La produzione di teli copripallet su misura risolve questi problemi alla radice: il telo viene realizzato nelle dimensioni esatte richieste, con l’altezza laterale calibrata sul carico reale e con le aperture, le chiusure e gli accessori posizionati esattamente dove servono. Non ci sono adattamenti di fortuna, non ci sono margini esposti e non ci sono sprechi di materiale.

Per le aziende che movimentano grandi volumi, la produzione su misura consente anche di standardizzare internamente: tutti i teli hanno le stesse dimensioni, gli stessi punti di aggancio e lo stesso sistema di chiusura, rendendo le operazioni di copertura e rimozione più rapide e meno soggette a errori da parte degli operatori.

Se stai valutando una soluzione su misura per i tuoi bancali — che tu gestisca un’area logistica, un magazzino stagionale o una spedizione ricorrente — il punto di partenza è sempre la misurazione precisa del carico nella sua configurazione reale, comprensiva di altezza massima, eventuali sporgenze e modalità di movimentazione prevista.

Domande Frequenti

Qual è la differenza tra un telo copripallet in PVC e un cappuccio termoretraibile?

Il telo copripallet in PVC è riutilizzabile, resistente agli agenti atmosferici e completamente personalizzabile. Il cappuccio termoretraibile è monouso e si adatta per calore alla forma del pallet. Per esposizioni prolungate o per pallet all’esterno, il PVC è nettamente superiore; il termoretraibile è più indicato per spedizioni singole in ambienti asciutti e controllati.

Che spessore di PVC scegliere per coprire i pallet all’esterno?

Per pallet esposti all’esterno in modo prolungato si consiglia un PVC con grammatura minima di 650 g/m², abbinato a un trattamento anti-UV. Per usi temporanei o in magazzino coperto, è sufficiente una grammatura tra 400 e 500 g/m².

Si possono personalizzare i teli copripallet con il logo aziendale?

Sì. I teli in PVC per pallet possono essere realizzati nei colori aziendali e con stampa del logo. È possibile aggiungere tasche portadocumenti, finestre trasparenti per etichette e occhielli rinforzati in posizioni specifiche. La personalizzazione rafforza l’immagine aziendale nelle aree di carico e scarico.

I teli in PVC proteggono i pallet anche durante il trasporto su camion?

Sì, a condizione di scegliere un PVC con adeguata resistenza all’abrasione e alle vibrazioni, dotato di un sistema di fissaggio efficace (occhielli, cinghie o passanti). Per il trasporto su strada è importante anche la resistenza al vento e la stabilità del sistema di chiusura sui lati del mezzo.

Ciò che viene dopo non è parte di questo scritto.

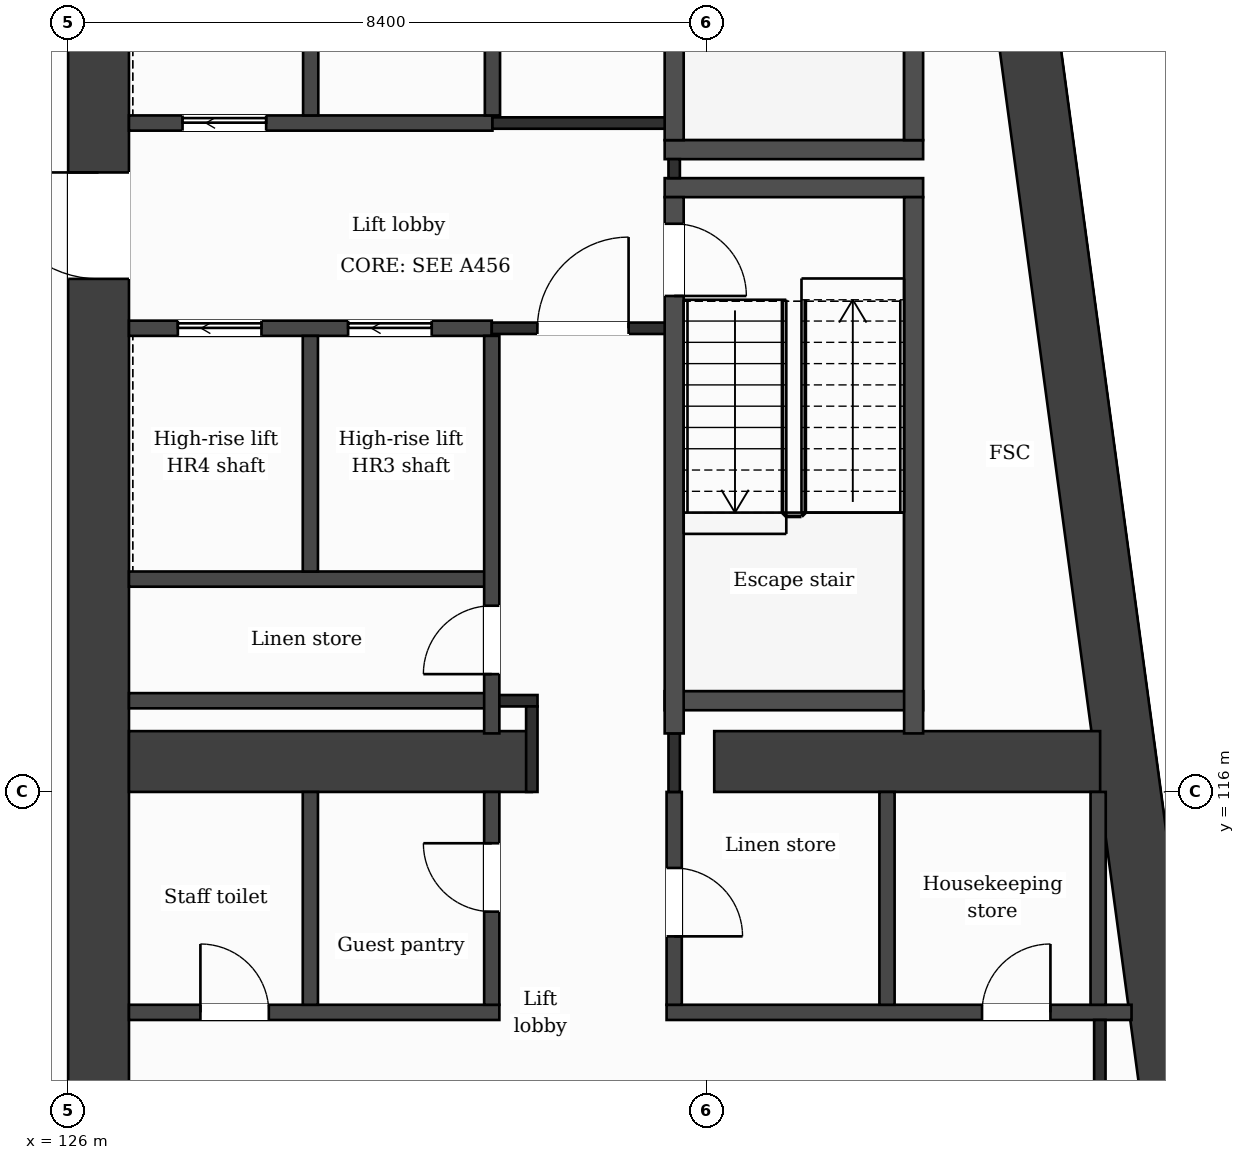
"""IFC4 building model, lengths in metres.
Left out: names, types, materials, properties, quantities, classifications, styles, units other than length and angle.
Written with IfcOpenShell. Run it as: python <this file> out.ifc"""

import sys

from ifc_helpers import new_model, si_unit, direction, frame, frame_2d, origin, place, context, subcontext, project, spatial, rectangle, extrude, element, fill, save


model = new_model("IFC4")
c1 = context("Model", 3, precision=1e-05, world=origin(), true_north=direction((0.0, 1.0)))
c2 = subcontext(c1, "Body", "Model", "MODEL_VIEW")
j1 = project(units=[si_unit("LENGTHUNIT", "METRE"), si_unit("PLANEANGLEUNIT", "RADIAN")], contexts=[c1])
p1 = place(None, origin())
s1 = spatial("IfcSite", under=j1, at=p1, CompositionType="ELEMENT")
p2 = place(p1, origin())
s2 = spatial("IfcBuilding", under=s1, at=p2, CompositionType="ELEMENT")
p3 = place(p2, frame((0.0, 0.0, 228.1)))
s3 = spatial("IfcBuildingStorey", under=s2, at=p3, CompositionType="ELEMENT", Elevation=228.1)
p4 = place(p3, frame((137.82, 132.0, 0.0), z_axis=(0.0, 0.0, 1.0), x_axis=(0.133408347329, -0.991061154956, 0.0)))
e1 = element("IfcWall", 1, at=p4, inside=s3, PredefinedType="SHEAR", context=c2, shape_type="SweptSolid", body=[
    extrude(rectangle(XDim=21.391, YDim=0.8, at=frame_2d((10.696, 0.0))), origin(), (0.0, 0.0, 1.0), 3.7),
])
p5 = place(p3, frame((126.4, 110.8, 0.0), z_axis=(0.0, 0.0, 1.0), x_axis=(0.0, 1.0, 0.0)))
e2 = element("IfcWall", 2, at=p5, inside=s3, PredefinedType="SHEAR", context=c2, shape_type="SweptSolid", body=[
    extrude(rectangle(XDim=21.2, YDim=0.8, at=frame_2d((10.6, 0.0))), origin(), (0.0, 0.0, 1.0), 3.7),
])
p6 = place(p5, frame((11.95, 0.0, 0.0)))
e3 = element("IfcOpeningElement", 3, at=p6, cuts=e2, PredefinedType="OPENING", context=c2, shape_type="SweptSolid", body=[
    extrude(rectangle(XDim=1.4, YDim=2.1, at=frame_2d((0.7, 1.05))), frame((0.0, 0.41, 0.0), z_axis=(0.0, -1.0, 0.0), x_axis=(1.0, 0.0, 0.0)), (0.0, 0.0, 1.0), 0.82),
])
p7 = place(p3, frame((126.8, 116.4, 0.0), z_axis=(0.0, 0.0, 1.0), x_axis=(1.0, 0.0, 0.0)))
e4 = element("IfcWall", 4, at=p7, inside=s3, PredefinedType="SHEAR", context=c2, shape_type="SweptSolid", body=[
    extrude(rectangle(XDim=5.3, YDim=0.8, at=frame_2d((2.65, 0.0))), origin(), (0.0, 0.0, 1.0), 3.7),
])
p8 = place(p3, frame((134.5, 116.4, 0.0), z_axis=(0.0, 0.0, 1.0), x_axis=(1.0, 0.0, 0.0)))
e5 = element("IfcWall", 5, at=p8, inside=s3, PredefinedType="SHEAR", context=c2, shape_type="SweptSolid", body=[
    extrude(rectangle(XDim=5.077, YDim=0.8, at=frame_2d((2.539, 0.0))), origin(), (0.0, 0.0, 1.0), 3.7),
])
p9 = place(p3, frame((126.8, 113.1, 0.0), z_axis=(0.0, 0.0, 1.0), x_axis=(1.0, 0.0, 0.0)))
e6 = element("IfcWall", 6, at=p9, inside=s3, PredefinedType="PARTITIONING", context=c2, shape_type="SweptSolid", body=[
    extrude(rectangle(XDim=4.873, YDim=0.2, at=frame_2d((2.437, 0.0))), origin(), (0.0, 0.0, 1.0), 3.38),
])
p10 = place(p9, frame((0.94, 0.0, 0.0)))
e7 = element("IfcOpeningElement", 7, at=p10, cuts=e6, PredefinedType="OPENING", context=c2, shape_type="SweptSolid", body=[
    extrude(rectangle(XDim=0.9, YDim=2.1, at=frame_2d((0.45, 1.05))), frame((0.0, 0.11, 0.0), z_axis=(0.0, -1.0, 0.0), x_axis=(1.0, 0.0, 0.0)), (0.0, 0.0, 1.0), 0.22),
])
p11 = place(p3, frame((133.873, 113.1, 0.0), z_axis=(0.0, 0.0, 1.0), x_axis=(1.0, 0.0, 0.0)))
e8 = element("IfcWall", 8, at=p11, inside=s3, PredefinedType="PARTITIONING", context=c2, shape_type="SweptSolid", body=[
    extrude(rectangle(XDim=6.117, YDim=0.2, at=frame_2d((3.059, 0.0))), origin(), (0.0, 0.0, 1.0), 3.38),
])
p12 = place(p11, frame((4.15, 0.0, 0.0)))
e9 = element("IfcOpeningElement", 9, at=p12, cuts=e8, PredefinedType="OPENING", context=c2, shape_type="SweptSolid", body=[
    extrude(rectangle(XDim=0.9, YDim=2.1, at=frame_2d((0.45, 1.05))), frame((0.0, 0.11, 0.0), z_axis=(0.0, -1.0, 0.0), x_axis=(1.0, 0.0, 0.0)), (0.0, 0.0, 1.0), 0.22),
])
p13 = place(p3, frame((126.8, 117.2, 0.0), z_axis=(0.0, 0.0, 1.0), x_axis=(1.0, 0.0, 0.0)))
e10 = element("IfcWall", 10, at=p13, inside=s3, PredefinedType="PARTITIONING", context=c2, shape_type="SweptSolid", body=[
    extrude(rectangle(XDim=4.773, YDim=0.2, at=frame_2d((2.386, 0.0))), origin(), (0.0, 0.0, 1.0), 3.38),
])
p14 = place(p3, frame((131.573, 117.2, 0.0), z_axis=(0.0, 0.0, 1.0), x_axis=(1.0, 0.0, 0.0)))
e11 = element("IfcWall", 11, at=p14, inside=s3, PredefinedType="PARTITIONING", context=c2, shape_type="SweptSolid", body=[
    extrude(rectangle(XDim=0.602, YDim=0.15, at=frame_2d((0.301, 0.0))), origin(), (0.0, 0.0, 1.0), 3.38),
])
p15 = place(p3, frame((133.848, 117.2, 0.0), z_axis=(0.0, 0.0, 1.0), x_axis=(1.0, 0.0, 0.0)))
e12 = element("IfcWall", 12, at=p15, inside=s3, PredefinedType="PARTITIONING", context=c2, shape_type="SweptSolid", body=[
    extrude(rectangle(XDim=3.4, YDim=0.25, at=frame_2d((1.7, 0.0))), origin(), (0.0, 0.0, 1.0), 3.38),
])
p16 = place(p3, frame((126.8, 118.8, 0.0), z_axis=(0.0, 0.0, 1.0), x_axis=(1.0, 0.0, 0.0)))
e13 = element("IfcWall", 13, at=p16, inside=s3, PredefinedType="PARTITIONING", context=c2, shape_type="SweptSolid", body=[
    extrude(rectangle(XDim=4.773, YDim=0.2, at=frame_2d((2.386, 0.0))), origin(), (0.0, 0.0, 1.0), 3.38),
])
p17 = place(p3, frame((126.8, 122.1, 0.0), z_axis=(0.0, 0.0, 1.0), x_axis=(1.0, 0.0, 0.0)))
e14 = element("IfcWall", 14, at=p17, inside=s3, PredefinedType="PARTITIONING", context=c2, shape_type="SweptSolid", body=[
    extrude(rectangle(XDim=4.773, YDim=0.2, at=frame_2d((2.386, 0.0))), origin(), (0.0, 0.0, 1.0), 3.38),
])
p18 = place(p17, frame((2.883, 0.0, 0.0)))
e15 = element("IfcOpeningElement", 15, at=p18, cuts=e14, PredefinedType="OPENING", context=c2, shape_type="SweptSolid", body=[
    extrude(rectangle(XDim=1.1, YDim=2.1, at=frame_2d((0.55, 1.05))), frame((0.0, 0.11, 0.0), z_axis=(0.0, -1.0, 0.0), x_axis=(1.0, 0.0, 0.0)), (0.0, 0.0, 1.0), 0.22),
])
p19 = place(p17, frame((0.643, 0.0, 0.0)))
e16 = element("IfcOpeningElement", 16, at=p19, cuts=e14, PredefinedType="OPENING", context=c2, shape_type="SweptSolid", body=[
    extrude(rectangle(XDim=1.1, YDim=2.1, at=frame_2d((0.55, 1.05))), frame((0.0, 0.11, 0.0), z_axis=(0.0, -1.0, 0.0), x_axis=(1.0, 0.0, 0.0)), (0.0, 0.0, 1.0), 0.22),
])
p20 = place(p3, frame((131.573, 122.1, 0.0), z_axis=(0.0, 0.0, 1.0), x_axis=(1.0, 0.0, 0.0)))
e17 = element("IfcWall", 17, at=p20, inside=s3, PredefinedType="PARTITIONING", context=c2, shape_type="SweptSolid", body=[
    extrude(rectangle(XDim=2.4, YDim=0.15, at=frame_2d((1.2, 0.0))), origin(), (0.0, 0.0, 1.0), 3.38),
])
p21 = place(p20, frame((0.6, 0.0, 0.0)))
e18 = element("IfcOpeningElement", 18, at=p21, cuts=e17, PredefinedType="OPENING", context=c2, shape_type="SweptSolid", body=[
    extrude(rectangle(XDim=1.2, YDim=2.1, at=frame_2d((0.6, 1.05))), frame((0.0, 0.085, 0.0), z_axis=(0.0, -1.0, 0.0), x_axis=(1.0, 0.0, 0.0)), (0.0, 0.0, 1.0), 0.17),
])
for number, where, z_axis, x_axis in (
    (19, (133.848, 123.95, 0.0), (0.0, 0.0, 1.0), (1.0, 0.0, 0.0)),
    (20, (133.848, 124.45, 0.0), (0.0, 0.0, 1.0), (1.0, 0.0, 0.0)),
):
    element("IfcWall", number, at=place(p3, frame(where, z_axis=z_axis, x_axis=x_axis)), inside=s3, PredefinedType="PARTITIONING", context=c2, shape_type="SweptSolid", body=[
        extrude(rectangle(XDim=3.4, YDim=0.25, at=frame_2d((1.7, 0.0))), origin(), (0.0, 0.0, 1.0), 3.38),
    ])
p22 = place(p3, frame((126.8, 124.8, 0.0), z_axis=(0.0, 0.0, 1.0), x_axis=(1.0, 0.0, 0.0)))
e21 = element("IfcWall", 21, at=p22, inside=s3, PredefinedType="PARTITIONING", context=c2, shape_type="SweptSolid", body=[
    extrude(rectangle(XDim=4.782, YDim=0.2, at=frame_2d((2.391, 0.0))), origin(), (0.0, 0.0, 1.0), 3.38),
])
p23 = place(p22, frame((0.705, 0.0, 0.0)))
e22 = element("IfcOpeningElement", 22, at=p23, cuts=e21, PredefinedType="OPENING", context=c2, shape_type="SweptSolid", body=[
    extrude(rectangle(XDim=1.1, YDim=2.1, at=frame_2d((0.55, 1.05))), frame((0.0, 0.11, 0.0), z_axis=(0.0, -1.0, 0.0), x_axis=(1.0, 0.0, 0.0)), (0.0, 0.0, 1.0), 0.22),
])
p24 = place(p3, frame((131.582, 124.8, 0.0), z_axis=(0.0, 0.0, 1.0), x_axis=(1.0, 0.0, 0.0)))
e23 = element("IfcWall", 23, at=p24, inside=s3, PredefinedType="PARTITIONING", context=c2, shape_type="SweptSolid", body=[
    extrude(rectangle(XDim=2.516, YDim=0.15, at=frame_2d((1.258, 0.0))), origin(), (0.0, 0.0, 1.0), 3.38),
])
p25 = place(p3, frame((129.187, 113.2, 0.0), z_axis=(0.0, 0.0, 1.0), x_axis=(0.0, 1.0, 0.0)))
e24 = element("IfcWall", 24, at=p25, inside=s3, PredefinedType="PARTITIONING", context=c2, shape_type="SweptSolid", body=[
    extrude(rectangle(XDim=2.8, YDim=0.2, at=frame_2d((1.4, 0.0))), origin(), (0.0, 0.0, 1.0), 3.38),
])
for number, where, z_axis, x_axis in (
    (25, (129.187, 118.9, 0.0), (0.0, 0.0, 1.0), (0.0, 1.0, 0.0)),
    (26, (129.191, 124.9, 0.0), (0.0, 0.0, 1.0), (0.0, 1.0, 0.0)),
):
    element("IfcWall", number, at=place(p3, frame(where, z_axis=z_axis, x_axis=x_axis)), inside=s3, PredefinedType="PARTITIONING", context=c2, shape_type="SweptSolid", body=[
        extrude(rectangle(XDim=3.1, YDim=0.2, at=frame_2d((1.55, 0.0))), origin(), (0.0, 0.0, 1.0), 3.38),
    ])
p26 = place(p3, frame((131.573, 113.2, 0.0), z_axis=(0.0, 0.0, 1.0), x_axis=(0.0, 1.0, 0.0)))
e27 = element("IfcWall", 27, at=p26, inside=s3, PredefinedType="PARTITIONING", context=c2, shape_type="SweptSolid", body=[
    extrude(rectangle(XDim=2.8, YDim=0.2, at=frame_2d((1.4, 0.0))), origin(), (0.0, 0.0, 1.0), 3.38),
])
p27 = place(p26, frame((1.225, 0.0, 0.0)))
e28 = element("IfcOpeningElement", 28, at=p27, cuts=e27, PredefinedType="OPENING", context=c2, shape_type="SweptSolid", body=[
    extrude(rectangle(XDim=0.9, YDim=2.1, at=frame_2d((0.45, 1.05))), frame((0.0, 0.11, 0.0), z_axis=(0.0, -1.0, 0.0), x_axis=(1.0, 0.0, 0.0)), (0.0, 0.0, 1.0), 0.22),
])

Quanto durano i teli in PVC per pallet?

Con una grammatura adeguata e un corretto utilizzo, un telo in PVC di qualità industriale può durare da 3 a 7 anni anche in uso esterno. La durata dipende dall’esposizione ai raggi UV, dalla frequenza di movimentazione e dalla qualità del materiale base.

È possibile ordinare teli copripallet in formati non standard?

Assolutamente sì. I teli in PVC su misura vengono realizzati nelle dimensioni esatte richieste, adattandosi a bancali fuori formato, carichi alti o forme irregolari. La produzione personalizzata garantisce una copertura perfetta e nessuno spreco di materiale.

Che differenza c’è tra un telo copripallet piano e un telo a cappuccio?

Il telo copripallet piano è posizionato sulla sommità del bancale e fissato lateralmente con occhielli o cinghie. Il telo a cappuccio scende lungo i quattro lati avvolgendo il pallet completamente, offrendo una protezione superiore contro pioggia, polvere e intemperie. La scelta dipende dal livello di protezione richiesto e dalla frequenza di accesso alla merce.